Vejamos o caso de Portugal. Como se justificava a diferença de tratamento atribuído à gente da nobreza e aos não-nobres?
Diz o Livro Segundo das Ordenações do Reino (¹), no Título 45:
"Como entre as pessoas de grande estado e dignidade e as outras é razão que se faça diferença, assim nas doações e privilégios concedidos às tais pessoas, costumaram os reis pôr mais exuberantes cláusulas, e de mais prerrogativas, para se mostrar a maior afeição e amor que lhes tinham."
Como se vê, o caso não carece de mais explicações. Vamos adiante, com algumas consequências práticas desse tratamento distinto.
Em caso de um réu da nobreza ser condenado à morte pela Casa da Suplicação, o mais importante tribunal do Reino, a sentença somente seria executada com o conhecimento e consentimento do rei, coisa que, em absoluto, não se concedia às "pessoas comuns":
"Porém, sendo o réu cavaleiro ou daí para cima, e condenado em morte natural, não se fará nele execução sem no-lo fazerem saber." (²)
No rito das audiências dos tribunais havia também prescrições relativas ao tratamento diferenciado de pessoas, conforme se vê no Livro Terceiro das Ordenações, Título 19, § 4:
"...Se na audiência estiverem pessoas religiosas, as ouvirá logo e despachará, para se logo irem, e então ouvirá as mulheres que aí estiverem, primeiro que ouça algum homem.
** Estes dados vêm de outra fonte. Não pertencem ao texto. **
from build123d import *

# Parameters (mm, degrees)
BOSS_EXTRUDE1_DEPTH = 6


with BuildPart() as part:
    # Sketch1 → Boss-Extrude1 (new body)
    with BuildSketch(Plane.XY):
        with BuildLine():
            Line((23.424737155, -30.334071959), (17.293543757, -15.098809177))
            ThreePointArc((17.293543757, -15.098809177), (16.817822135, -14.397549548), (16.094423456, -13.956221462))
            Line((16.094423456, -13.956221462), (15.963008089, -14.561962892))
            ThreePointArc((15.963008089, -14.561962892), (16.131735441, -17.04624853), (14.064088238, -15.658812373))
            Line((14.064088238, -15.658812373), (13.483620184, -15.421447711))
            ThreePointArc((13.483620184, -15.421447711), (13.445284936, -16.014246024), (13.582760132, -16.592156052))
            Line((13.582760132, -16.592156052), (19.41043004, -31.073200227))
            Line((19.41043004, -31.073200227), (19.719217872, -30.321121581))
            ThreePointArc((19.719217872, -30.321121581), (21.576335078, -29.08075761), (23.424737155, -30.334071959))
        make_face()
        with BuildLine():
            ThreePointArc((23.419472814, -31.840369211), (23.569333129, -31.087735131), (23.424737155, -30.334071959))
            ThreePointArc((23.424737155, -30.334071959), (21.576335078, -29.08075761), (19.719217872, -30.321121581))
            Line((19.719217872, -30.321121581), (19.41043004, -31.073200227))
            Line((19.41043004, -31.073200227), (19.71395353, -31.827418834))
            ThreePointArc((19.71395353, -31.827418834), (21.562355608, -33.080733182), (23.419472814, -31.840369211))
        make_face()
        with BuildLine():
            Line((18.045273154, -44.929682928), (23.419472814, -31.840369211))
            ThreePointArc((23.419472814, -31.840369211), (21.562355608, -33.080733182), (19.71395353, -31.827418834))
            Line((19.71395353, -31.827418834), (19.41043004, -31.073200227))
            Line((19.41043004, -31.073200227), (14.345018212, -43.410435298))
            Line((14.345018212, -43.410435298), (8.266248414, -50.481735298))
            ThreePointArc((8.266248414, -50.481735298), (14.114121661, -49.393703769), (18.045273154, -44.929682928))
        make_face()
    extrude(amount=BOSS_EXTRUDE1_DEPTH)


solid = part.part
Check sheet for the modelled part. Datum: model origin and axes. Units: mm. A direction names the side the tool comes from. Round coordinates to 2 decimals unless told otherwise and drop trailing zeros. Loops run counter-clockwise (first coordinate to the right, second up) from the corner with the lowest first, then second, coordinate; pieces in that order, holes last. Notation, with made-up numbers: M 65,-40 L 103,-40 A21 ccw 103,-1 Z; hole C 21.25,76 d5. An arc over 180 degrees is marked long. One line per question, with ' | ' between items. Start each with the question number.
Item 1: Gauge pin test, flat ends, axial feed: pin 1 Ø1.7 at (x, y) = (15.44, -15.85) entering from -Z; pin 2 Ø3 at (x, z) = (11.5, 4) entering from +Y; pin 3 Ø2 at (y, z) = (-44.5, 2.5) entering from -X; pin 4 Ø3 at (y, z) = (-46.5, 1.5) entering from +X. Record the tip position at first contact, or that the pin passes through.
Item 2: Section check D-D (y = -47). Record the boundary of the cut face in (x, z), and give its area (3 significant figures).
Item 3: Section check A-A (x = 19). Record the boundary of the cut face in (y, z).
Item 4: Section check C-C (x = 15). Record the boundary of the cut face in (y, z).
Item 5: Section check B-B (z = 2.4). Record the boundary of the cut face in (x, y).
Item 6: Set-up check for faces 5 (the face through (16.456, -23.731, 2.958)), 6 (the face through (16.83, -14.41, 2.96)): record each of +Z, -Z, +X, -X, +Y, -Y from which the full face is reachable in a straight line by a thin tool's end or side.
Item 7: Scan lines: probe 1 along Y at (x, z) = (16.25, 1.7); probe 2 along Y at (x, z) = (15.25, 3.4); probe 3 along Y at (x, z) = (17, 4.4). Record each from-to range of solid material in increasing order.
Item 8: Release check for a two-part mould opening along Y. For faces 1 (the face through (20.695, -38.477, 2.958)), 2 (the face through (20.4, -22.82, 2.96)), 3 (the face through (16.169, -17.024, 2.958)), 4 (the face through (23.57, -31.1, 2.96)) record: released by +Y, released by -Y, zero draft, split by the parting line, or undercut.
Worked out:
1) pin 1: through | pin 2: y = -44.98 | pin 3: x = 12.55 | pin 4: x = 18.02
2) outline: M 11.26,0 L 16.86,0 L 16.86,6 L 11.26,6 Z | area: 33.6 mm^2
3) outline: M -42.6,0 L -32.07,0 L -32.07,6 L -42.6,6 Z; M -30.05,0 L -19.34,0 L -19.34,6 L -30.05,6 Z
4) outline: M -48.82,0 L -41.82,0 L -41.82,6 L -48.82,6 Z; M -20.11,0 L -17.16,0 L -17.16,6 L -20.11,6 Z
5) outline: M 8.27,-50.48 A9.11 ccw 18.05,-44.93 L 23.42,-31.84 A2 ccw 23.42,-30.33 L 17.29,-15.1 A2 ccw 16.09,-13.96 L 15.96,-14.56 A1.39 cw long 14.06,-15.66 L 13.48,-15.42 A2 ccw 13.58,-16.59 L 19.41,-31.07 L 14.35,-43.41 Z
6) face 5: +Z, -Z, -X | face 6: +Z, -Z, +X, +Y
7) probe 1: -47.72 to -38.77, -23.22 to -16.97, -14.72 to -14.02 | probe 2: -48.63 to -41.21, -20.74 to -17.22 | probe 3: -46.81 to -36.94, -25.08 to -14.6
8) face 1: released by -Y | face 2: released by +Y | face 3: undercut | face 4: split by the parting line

E se alguns cavaleiros ou escudeiros, ou pessoas poderosas vierem à audiência, ouça-os, e lhes mande que se vão, e não lhes consinta que aí mais estejam [...]". Neste caso, no entanto, a providência era importante porque se pretendia evitar que as tais "pessoas poderosas" criassem tumulto nos tribunais, tentando impor pontos de vista pela força da posição social que ocupavam, como se vê no mesmo título e parágrafo: "...Se quiserem levantar palavras, defenda-lhes que não venham aí mais, e por seus procuradores requeiram seu direito nos casos em que procuradores o podem requerer."
Quando todos se iam, ouvia-se a gente do povo:
"E depois ouça os homens de menor qualidade, os quais virão um a um à vara com aquele acatamento que à Justiça é devido, e enquanto a ela estiverem, estarão sempre com o chapéu na mão, salvo se o julgador, por alguma causa ou qualidade de suas pessoas os mandar cobrir." (³)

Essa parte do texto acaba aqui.